I did my Master's thesis about the STL.

>And remember that the calling stack also has another pointer to the region, so it won't die.

Again, the example could have been of a more thought-out situation.

>Only a region which is practically by no means acessible would.

This was the case here, and I took it for granted everyone knew.

"Russ Lewis" <spamhole-2001-07-16@deming-os.org> wrote in message news:bubrab$2kqb$1@digitaldaemon.com...
> One of the downsides of this type of collector, however, is that it can
> get false positives; if one object in your doubly-linked list is at
> address 0xdeadbeef, and you happen to have an integer somewhere in your
> program that has the value 0xdeadbeef, then the garbage collector will
> assume that it is a pointer.  (The garbage collector doesn't know about
>   the types of the variables it is scanning.)  In that case, the
> doubly-linked list will not get garbage collected immediately; however,
> whenever your integer value changes, then the next gc pass will clean it
up.

This is definitely a potential problem. In practice, it doesn't happen much. But it *can* happen, and the best way to deal with it is to not have islands that are too large. What I tend to do with large data structure islands is that when I know I'm done with them, I'll 'break it up' by nulling internal references in it so that if a chunk does get 'pinned' by a random integer value, it won't in turn pin the whole data structure.

"Georg Wrede" <Georg_member@pathlink.com> wrote in message news:budo3m$2krn$1@digitaldaemon.com...
> DMD 0.76 docs say:
>
> "Do not store pointers into int variables using casts and other tricks.
The
> garbage collector does not scan non-pointer types for roots."
>
> This would contradict the 0xdeadbeef example problem. That is, according to the documentation such a problem does not exist!?

What that means is the gc can use type information to reduce the number and effect of false positives. (The current gc is a bit primitive in that it does not yet do this, but the door needs to be left open to that improvement.) This cannot be perfect, though, because of unions and the stack.
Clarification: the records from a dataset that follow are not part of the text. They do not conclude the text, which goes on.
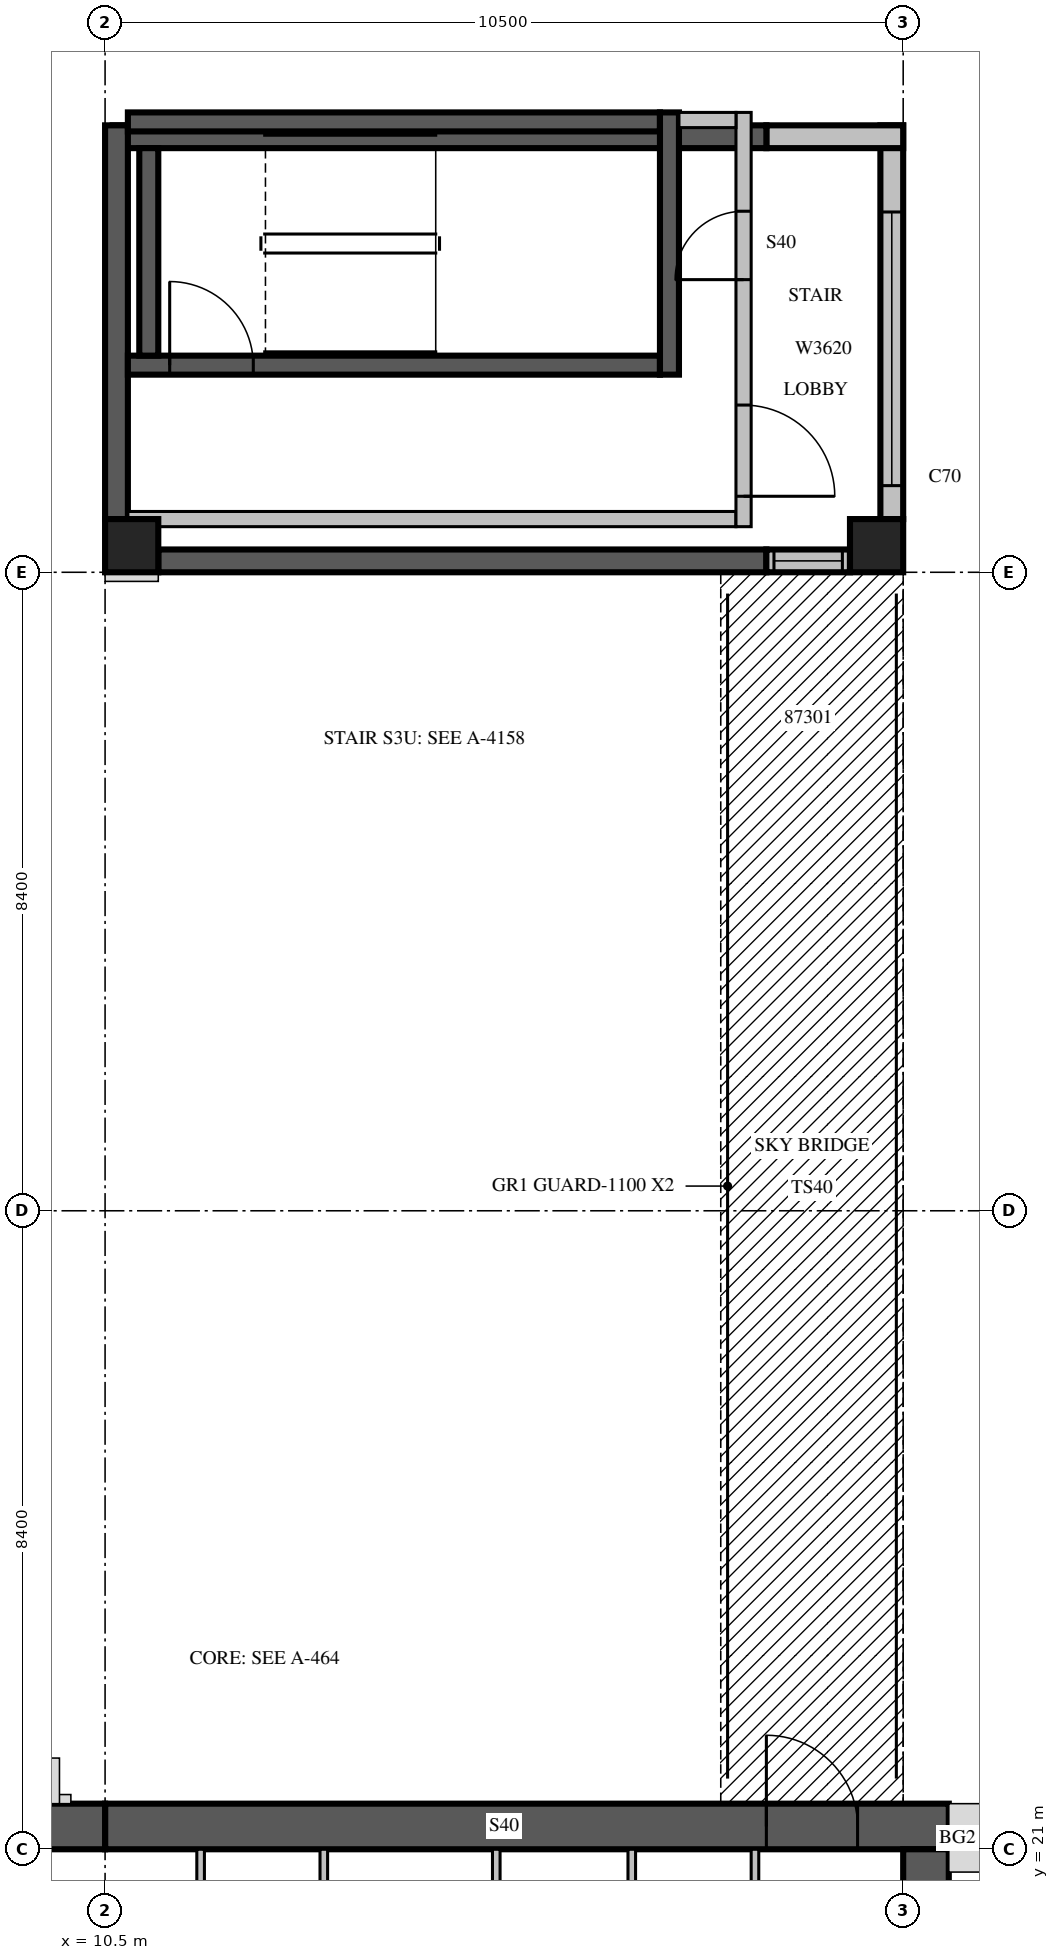
"""IFC4 building model, lengths in metres.
Left out: names, types, materials, properties, quantities, classifications, styles, units other than length and angle.
Written with IfcOpenShell. Run it as: python <this file> out.ifc"""

import sys

from ifc_helpers import new_model, si_unit, direction, frame, frame_2d, origin, origin_2d, place, context, subcontext, project, spatial, rectangle, extrude, source, transform, mapped, element, fill, save


model = new_model("IFC4")
c1 = context("Model", 3, precision=1e-05, world=origin(), true_north=direction((0.0, 1.0)))
c2 = subcontext(c1, "Body", "Model", "MODEL_VIEW")
j1 = project(units=[si_unit("LENGTHUNIT", "METRE"), si_unit("PLANEANGLEUNIT", "RADIAN")], contexts=[c1])
p1 = place(None, origin())
s1 = spatial("IfcSite", under=j1, at=p1, CompositionType="ELEMENT")
p2 = place(p1, origin())
s2 = spatial("IfcBuilding", under=s1, at=p2, CompositionType="ELEMENT")
p3 = place(p2, frame((0.0, 0.0, 316.0)))
s3 = spatial("IfcBuildingStorey", under=s2, at=p3, CompositionType="ELEMENT", Elevation=316.0)
m1 = source(origin(), c2, "Body", "SweptSolid", [
    extrude(rectangle(XDim=0.7, YDim=0.7, at=origin_2d()), origin(), (0.0, 0.0, 1.0), 3.5),
])
for number, where, z_axis, x_axis in (
    (1, (10.85, 38.15, 0.0), (0.0, 0.0, 1.0), (1.0, 0.0, 0.0)),
    (2, (20.65, 38.15, 0.0), (0.0, 0.0, 1.0), (1.0, 0.0, 0.0)),
):
    element("IfcColumn", number, at=place(p3, frame(where, z_axis=z_axis, x_axis=x_axis)), inside=s3, PredefinedType="COLUMN", context=c2, shape_type="MappedRepresentation", body=[
        mapped(m1, transform((0.0, 0.0, 0.0), scale=1.0)),
    ])
m2 = source(origin(), c2, "Body", "SweptSolid", [
    extrude(rectangle(XDim=11.1, YDim=0.6, at=frame_2d((5.55, 0.0))), origin(), (0.0, 0.0, 1.0), 3.5),
])
p4 = place(p3, frame((10.5, 21.3, 0.0), z_axis=(0.0, 0.0, 1.0), x_axis=(1.0, 0.0, 0.0)))
e3 = element("IfcWall", 3, at=p4, inside=s3, PredefinedType="SHEAR", context=c2, shape_type="MappedRepresentation", body=[
    mapped(m2, transform((0.0, 0.0, 0.0), scale=1.0)),
])
m3 = source(origin(), c2, "Body", "SweptSolid", [
    extrude(rectangle(XDim=1.2, YDim=2.1, at=frame_2d((0.6, 1.05))), frame((0.0, 0.31, 0.0), z_axis=(0.0, -1.0, 0.0), x_axis=(1.0, 0.0, 0.0)), (0.0, 0.0, 1.0), 0.62),
])
p5 = place(p4, frame((8.7, 0.0, 0.0)))
e4 = element("IfcOpeningElement", 4, at=p5, cuts=e3, PredefinedType="OPENING", context=c2, shape_type="MappedRepresentation", body=[
    mapped(m3, transform((0.0, 0.0, 0.0), scale=1.0)),
])
m4 = source(origin(), c2, "Body", "SweptSolid", [
    extrude(rectangle(XDim=10.5, YDim=0.6, at=frame_2d((5.25, 0.0))), origin(), (0.0, 0.0, 1.0), 3.5),
])
p6 = place(p3, frame((21.3, 10.5, 0.0), z_axis=(0.0, 0.0, 1.0), x_axis=(0.0, 1.0, 0.0)))
e5 = element("IfcWall", 5, at=p6, inside=s3, PredefinedType="SHEAR", context=c2, shape_type="MappedRepresentation", body=[
    mapped(m4, transform((0.0, 0.0, 0.0), scale=1.0)),
])
m5 = source(origin(), c2, "Body", "SweptSolid", [
    extrude(rectangle(XDim=1.2, YDim=2.4, at=frame_2d((0.6, 1.2))), frame((0.0, 0.31, 0.0), z_axis=(0.0, -1.0, 0.0), x_axis=(1.0, 0.0, 0.0)), (0.0, 0.0, 1.0), 0.62),
])
p7 = place(p6, frame((5.7, 0.0, 0.6)))
e6 = element("IfcOpeningElement", 6, at=p7, cuts=e5, PredefinedType="OPENING", context=c2, shape_type="MappedRepresentation", body=[
    mapped(m5, transform((0.0, 0.0, 0.0), scale=1.0)),
])
m6 = source(origin(), c2, "Body", "SweptSolid", [
    extrude(rectangle(XDim=6.6, YDim=0.6, at=frame_2d((3.3, 0.0))), origin(), (0.0, 0.0, 1.0), 3.5),
])
p8 = place(p3, frame((3.9, 21.3, 0.0), z_axis=(0.0, 0.0, 1.0), x_axis=(1.0, 0.0, 0.0)))
e7 = element("IfcWall", 7, at=p8, inside=s3, PredefinedType="SHEAR", context=c2, shape_type="MappedRepresentation", body=[
    mapped(m6, transform((0.0, 0.0, 0.0), scale=1.0)),
])
p9 = place(p8, frame((1.5, 0.0, 0.6)))
e8 = element("IfcOpeningElement", 8, at=p9, cuts=e7, PredefinedType="OPENING", context=c2, shape_type="MappedRepresentation", body=[
    mapped(m5, transform((0.0, 0.0, 0.0), scale=1.0)),
])
p10 = place(p8, frame((3.6, 0.0, 0.6)))
e9 = element("IfcOpeningElement", 9, at=p10, cuts=e7, PredefinedType="OPENING", context=c2, shape_type="MappedRepresentation", body=[
    mapped(m5, transform((0.0, 0.0, 0.0), scale=1.0)),
])
m7 = source(origin(), c2, "Body", "SweptSolid", [
    extrude(rectangle(XDim=8.0, YDim=0.3, at=frame_2d((4.0, 0.0))), origin(), (0.0, 0.0, 1.0), 3.1),
])
p11 = place(p3, frame((11.2, 37.95, 0.0), z_axis=(0.0, 0.0, 1.0), x_axis=(1.0, 0.0, 0.0)))
e10 = element("IfcWall", 10, at=p11, inside=s3, PredefinedType="SOLIDWALL", context=c2, shape_type="MappedRepresentation", body=[
    mapped(m7, transform((0.0, 0.0, 0.0), scale=1.0)),
])
m8 = source(origin(), c2, "Body", "SweptSolid", [
    extrude(rectangle(XDim=1.1, YDim=0.3, at=frame_2d((0.55, 0.0))), origin(), (0.0, 0.0, 1.0), 3.1),
])
p12 = place(p3, frame((19.2, 37.95, 0.0), z_axis=(0.0, 0.0, 1.0), x_axis=(1.0, 0.0, 0.0)))
e11 = element("IfcWall", 11, at=p12, inside=s3, PredefinedType="STANDARD", context=c2, shape_type="MappedRepresentation", body=[
    mapped(m8, transform((0.0, 0.0, 0.0), scale=1.0)),
])
p13 = place(p12, frame((0.1, 0.0, 0.0)))
e12 = element("IfcOpeningElement", 12, at=p13, cuts=e11, PredefinedType="OPENING", context=c2, shape_type="SweptSolid", body=[
    extrude(rectangle(XDim=0.9, YDim=2.1, at=frame_2d((0.45, 1.05))), frame((0.0, 0.16, 0.0), z_axis=(0.0, -1.0, 0.0), x_axis=(1.0, 0.0, 0.0)), (0.0, 0.0, 1.0), 0.32),
])
m9 = source(origin(), c2, "Body", "SweptSolid", [
    extrude(rectangle(XDim=5.18, YDim=0.3, at=frame_2d((2.59, 0.0))), origin(), (0.0, 0.0, 1.0), 3.1),
])
p14 = place(p3, frame((20.85, 38.5, 0.0), z_axis=(0.0, 0.0, 1.0), x_axis=(0.0, 1.0, 0.0)))
e13 = element("IfcWall", 13, at=p14, inside=s3, PredefinedType="STANDARD", context=c2, shape_type="MappedRepresentation", body=[
    mapped(m9, transform((0.0, 0.0, 0.0), scale=1.0)),
])
m10 = source(origin(), c2, "Body", "SweptSolid", [
    extrude(rectangle(XDim=3.6, YDim=2.0, at=frame_2d((1.8, 1.0))), frame((0.0, 0.16, 0.0), z_axis=(0.0, -1.0, 0.0), x_axis=(1.0, 0.0, 0.0)), (0.0, 0.0, 1.0), 0.32),
])
p15 = place(p14, frame((0.44, 0.0, 0.6)))
e14 = element("IfcOpeningElement", 14, at=p15, cuts=e13, PredefinedType="OPENING", context=c2, shape_type="MappedRepresentation", body=[
    mapped(m10, transform((0.0, 0.0, 0.0), scale=1.0)),
])
m11 = source(origin(), c2, "Body", "SweptSolid", [
    extrude(rectangle(XDim=1.8, YDim=0.3, at=frame_2d((0.9, 0.0))), origin(), (0.0, 0.0, 1.0), 3.1),
])
p16 = place(p3, frame((21.0, 43.53, 0.0), z_axis=(0.0, 0.0, 1.0), x_axis=(-1.0, 0.0, 0.0)))
e15 = element("IfcWall", 15, at=p16, inside=s3, PredefinedType="STANDARD", context=c2, shape_type="MappedRepresentation", body=[
    mapped(m11, transform((0.0, 0.0, 0.0), scale=1.0)),
])
m12 = source(origin(), c2, "Body", "SweptSolid", [
    extrude(rectangle(XDim=8.6, YDim=0.3, at=frame_2d((4.3, 0.0))), origin(), (0.0, 0.0, 1.0), 3.1),
])
p17 = place(p3, frame((19.2, 43.53, 0.0), z_axis=(0.0, 0.0, 1.0), x_axis=(-1.0, 0.0, 0.0)))
e16 = element("IfcWall", 16, at=p17, inside=s3, PredefinedType="SOLIDWALL", context=c2, shape_type="MappedRepresentation", body=[
    mapped(m12, transform((0.0, 0.0, 0.0), scale=1.0)),
])
m13 = source(origin(), c2, "Body", "SweptSolid", [
    extrude(rectangle(XDim=5.18, YDim=0.3, at=frame_2d((2.59, 0.0))), origin(), (0.0, 0.0, 1.0), 3.1),
])
p18 = place(p3, frame((10.65, 43.68, 0.0), z_axis=(0.0, 0.0, 1.0), x_axis=(0.0, -1.0, 0.0)))
e17 = element("IfcWall", 17, at=p18, inside=s3, PredefinedType="SOLIDWALL", context=c2, shape_type="MappedRepresentation", body=[
    mapped(m13, transform((0.0, 0.0, 0.0), scale=1.0)),
])
m14 = source(origin(), c2, "Body", "SweptSolid", [
    extrude(rectangle(XDim=1.3, YDim=0.1, at=frame_2d((0.65, 0.0))), origin(), (0.0, 0.0, 1.0), 3.1),
])
for number, where, z_axis, x_axis in (
    (18, (11.757, 19.7, 0.0), (0.0, 0.0, 1.0), (0.0, 1.0, 0.0)),
    (19, (13.378, 19.7, 0.0), (0.0, 0.0, 1.0), (0.0, 1.0, 0.0)),
    (20, (15.647, 19.7, 0.0), (0.0, 0.0, 1.0), (0.0, 1.0, 0.0)),
    (21, (17.429, 19.7, 0.0), (0.0, 0.0, 1.0), (0.0, 1.0, 0.0)),
    (22, (19.05, 19.7, 0.0), (0.0, 0.0, 1.0), (0.0, 1.0, 0.0)),
):
    element("IfcWall", number, at=place(p3, frame(where, z_axis=z_axis, x_axis=x_axis)), inside=s3, PredefinedType="PARTITIONING", context=c2, shape_type="MappedRepresentation", body=[
        mapped(m14, transform((0.0, 0.0, 0.0), scale=1.0)),
    ])
m15 = source(origin(), c2, "Body", "SweptSolid", [
    extrude(rectangle(XDim=7.0, YDim=0.25, at=frame_2d((3.5, 0.0))), origin(), (0.0, 0.0, 1.0), 3.1),
])
p19 = place(p3, frame((10.8, 40.525, 0.0), z_axis=(0.0, 0.0, 1.0), x_axis=(1.0, 0.0, 0.0)))
e23 = element("IfcWall", 23, at=p19, inside=s3, PredefinedType="SOLIDWALL", context=c2, shape_type="MappedRepresentation", body=[
    mapped(m15, transform((0.0, 0.0, 0.0), scale=1.0)),
])
m16 = source(origin(), c2, "Body", "SweptSolid", [
    extrude(rectangle(XDim=1.1, YDim=2.1, at=frame_2d((0.55, 1.05))), frame((0.0, 0.135, 0.0), z_axis=(0.0, -1.0, 0.0), x_axis=(1.0, 0.0, 0.0)), (0.0, 0.0, 1.0), 0.27),
])
p20 = place(p19, frame((0.55, 0.0, 0.0)))
e24 = element("IfcOpeningElement", 24, at=p20, cuts=e23, PredefinedType="OPENING", context=c2, shape_type="MappedRepresentation", body=[
    mapped(m16, transform((0.0, 0.0, 0.0), scale=1.0)),
])
p21 = place(p3, frame((10.8, 43.725, 0.0), z_axis=(0.0, 0.0, 1.0), x_axis=(1.0, 0.0, 0.0)))
e25 = element("IfcWall", 25, at=p21, inside=s3, PredefinedType="SOLIDWALL", context=c2, shape_type="MappedRepresentation", body=[
    mapped(m15, transform((0.0, 0.0, 0.0), scale=1.0)),
])
m17 = source(origin(), c2, "Body", "SweptSolid", [
    extrude(rectangle(XDim=3.45, YDim=0.25, at=frame_2d((1.725, 0.0))), origin(), (0.0, 0.0, 1.0), 3.1),
])
p22 = place(p3, frame((17.925, 40.4, 0.0), z_axis=(0.0, 0.0, 1.0), x_axis=(0.0, 1.0, 0.0)))
e26 = element("IfcWall", 26, at=p22, inside=s3, PredefinedType="SOLIDWALL", context=c2, shape_type="MappedRepresentation", body=[
    mapped(m17, transform((0.0, 0.0, 0.0), scale=1.0)),
])
m18 = source(origin(), c2, "Body", "SweptSolid", [
    extrude(rectangle(XDim=2.73, YDim=0.25, at=frame_2d((1.365, 0.0))), origin(), (0.0, 0.0, 1.0), 3.1),
])
p23 = place(p3, frame((11.075, 40.65, 0.0), z_axis=(0.0, 0.0, 1.0), x_axis=(0.0, 1.0, 0.0)))
e27 = element("IfcWall", 27, at=p23, inside=s3, PredefinedType="SOLIDWALL", context=c2, shape_type="MappedRepresentation", body=[
    mapped(m18, transform((0.0, 0.0, 0.0), scale=1.0)),
])
m19 = source(origin(), c2, "Body", "SweptSolid", [
    extrude(rectangle(XDim=8.0, YDim=0.2, at=frame_2d((4.0, 0.0))), origin(), (0.0, 0.0, 1.0), 3.1),
])
p24 = place(p3, frame((10.8, 38.5, 0.0), z_axis=(0.0, 0.0, 1.0), x_axis=(1.0, 0.0, 0.0)))
e28 = element("IfcWall", 28, at=p24, inside=s3, PredefinedType="PARTITIONING", context=c2, shape_type="MappedRepresentation", body=[
    mapped(m19, transform((0.0, 0.0, 0.0), scale=1.0)),
])
m20 = source(origin(), c2, "Body", "SweptSolid", [
    extrude(rectangle(XDim=5.45, YDim=0.2, at=frame_2d((2.725, 0.0))), origin(), (0.0, 0.0, 1.0), 3.1),
])
p25 = place(p3, frame((18.9, 38.4, 0.0), z_axis=(0.0, 0.0, 1.0), x_axis=(0.0, 1.0, 0.0)))
e29 = element("IfcWall", 29, at=p25, inside=s3, PredefinedType="PARTITIONING", context=c2, shape_type="MappedRepresentation", body=[
    mapped(m20, transform((0.0, 0.0, 0.0), scale=1.0)),
])
m21 = source(origin(), c2, "Body", "SweptSolid", [
    extrude(rectangle(XDim=1.2, YDim=2.1, at=frame_2d((0.6, 1.05))), frame((0.0, 0.11, 0.0), z_axis=(0.0, -1.0, 0.0), x_axis=(1.0, 0.0, 0.0)), (0.0, 0.0, 1.0), 0.22),
])
p26 = place(p25, frame((0.4, 0.0, 0.0)))
e30 = element("IfcOpeningElement", 30, at=p26, cuts=e29, PredefinedType="OPENING", context=c2, shape_type="MappedRepresentation", body=[
    mapped(m21, transform((0.0, 0.0, 0.0), scale=1.0)),
])
m22 = source(origin(), c2, "Body", "SweptSolid", [
    extrude(rectangle(XDim=0.9, YDim=2.1, at=frame_2d((0.45, 1.05))), frame((0.0, 0.11, 0.0), z_axis=(0.0, -1.0, 0.0), x_axis=(1.0, 0.0, 0.0)), (0.0, 0.0, 1.0), 0.22),
])
p27 = place(p25, frame((3.25, 0.0, 0.0)))
e31 = element("IfcOpeningElement", 31, at=p27, cuts=e29, PredefinedType="OPENING", context=c2, shape_type="MappedRepresentation", body=[
    mapped(m22, transform((0.0, 0.0, 0.0), scale=1.0)),
])
m23 = source(origin(), c2, "Body", "SweptSolid", [
    extrude(rectangle(XDim=0.75, YDim=0.2, at=frame_2d((0.375, 0.0))), origin(), (0.0, 0.0, 1.0), 3.1),
])
p28 = place(p3, frame((18.05, 43.75, 0.0), z_axis=(0.0, 0.0, 1.0), x_axis=(1.0, 0.0, 0.0)))
e32 = element("IfcWall", 32, at=p28, inside=s3, PredefinedType="PARTITIONING", context=c2, shape_type="MappedRepresentation", body=[
    mapped(m23, transform((0.0, 0.0, 0.0), scale=1.0)),
])
m24 = source(origin(), c2, "Body", "SweptSolid", [
    extrude(rectangle(XDim=3.6, YDim=2.0, at=frame_2d((1.8, 1.0))), frame((0.0, 0.03, 0.0), z_axis=(0.0, -1.0, 0.0), x_axis=(1.0, 0.0, 0.0)), (0.0, 0.0, 1.0), 0.06),
])
p29 = place(p15, origin())
e33 = element("IfcWindow", 33, at=p29, inside=s3, PartitioningType="SINGLE_PANEL", PredefinedType="WINDOW", context=c2, shape_type="MappedRepresentation", body=[
    mapped(m24, transform((0.0, 0.0, 0.0), scale=1.0)),
])
fill(e14, e33)
p30 = place(p13, origin())
e34 = element("IfcDoor", 34, at=p30, inside=s3, OperationType="SLIDING_TO_LEFT", PredefinedType="DOOR", context=c2, shape_type="SweptSolid", body=[
    extrude(rectangle(XDim=0.9, YDim=2.1, at=frame_2d((0.45, 1.05))), frame((0.0, 0.025, 0.0), z_axis=(0.0, -1.0, 0.0), x_axis=(1.0, 0.0, 0.0)), (0.0, 0.0, 1.0), 0.05),
])
fill(e12, e34)
m25 = source(origin(), c2, "Body", "SweptSolid", [
    extrude(rectangle(XDim=1.1, YDim=2.1, at=frame_2d((0.55, 1.05))), frame((0.0, 0.025, 0.0), z_axis=(0.0, -1.0, 0.0), x_axis=(1.0, 0.0, 0.0)), (0.0, 0.0, 1.0), 0.05),
])
p31 = place(p20, origin())
e35 = element("IfcDoor", 35, at=p31, inside=s3, OperationType="SINGLE_SWING_LEFT", PredefinedType="DOOR", context=c2, shape_type="MappedRepresentation", body=[
    mapped(m25, transform((0.0, 0.0, 0.0), scale=1.0)),
])
fill(e24, e35)
m26 = source(origin(), c2, "Body", "SweptSolid", [
    extrude(rectangle(XDim=1.2, YDim=2.1, at=frame_2d((0.6, 1.05))), frame((0.0, 0.025, 0.0), z_axis=(0.0, -1.0, 0.0), x_axis=(1.0, 0.0, 0.0)), (0.0, 0.0, 1.0), 0.05),
])
p32 = place(p26, origin())
e36 = element("IfcDoor", 36, at=p32, inside=s3, OperationType="SINGLE_SWING_RIGHT", PredefinedType="DOOR", context=c2, shape_type="MappedRepresentation", body=[
    mapped(m26, transform((0.0, 0.0, 0.0), scale=1.0)),
])
fill(e30, e36)
m27 = source(origin(), c2, "Body", "SweptSolid", [
    extrude(rectangle(XDim=0.9, YDim=2.1, at=frame_2d((0.45, 1.05))), frame((0.0, 0.025, 0.0), z_axis=(0.0, -1.0, 0.0), x_axis=(1.0, 0.0, 0.0)), (0.0, 0.0, 1.0), 0.05),
])
p33 = place(p27, origin())
e37 = element("IfcDoor", 37, at=p33, inside=s3, OperationType="SINGLE_SWING_LEFT", PredefinedType="DOOR", context=c2, shape_type="MappedRepresentation", body=[
    mapped(m27, transform((0.0, 0.0, 0.0), scale=1.0)),
])
fill(e31, e37)
p34 = place(p5, origin())
e38 = element("IfcDoor", 38, at=p34, inside=s3, OperationType="SINGLE_SWING_LEFT", PredefinedType="DOOR", context=c2, shape_type="MappedRepresentation", body=[
    mapped(m26, transform((0.0, 0.0, 0.0), scale=1.0)),
])
fill(e4, e38)
save(model, sys.argv[1])

"Georg Wrede" <Georg_member@pathlink.com> wrote in message news:buu08u$1kqg$1@digitaldaemon.com...
> Since many D users are former C(++) users, it is customary to do all kinds of "wizardry" with pointers. For example, if one wants to make his own upCaseString(), then those people would probably use a pointer, and increment it as an int, to make it point at the next character. The spirit of D is to allow such (stupiditiy), but at yor own risk. (C users have a hard time remembering to leave pointers alone because in C you're the only one ever to use these values, and you "own" the entire program. In D there are always at least two users for these values: you and the GC!)
>
> Now, suppose one forgets to use a copy of the original pointer. Later, when GC occurs, then the GC would find no pointer pointing at the string (or actually at the beginning of the area allocated for the string data). The GC would mark this area as unused. Which obviously results in the area being overwritten with other data, sooner or later.

This is an important issue. D's gc does not require a pointer to the beginning of the object, a pointer to any byte in the object is considered as being a valid reference to the entire object. So, you don't need to keep around a copy of the original pointer, and using pointers to walk a string array will work correctly.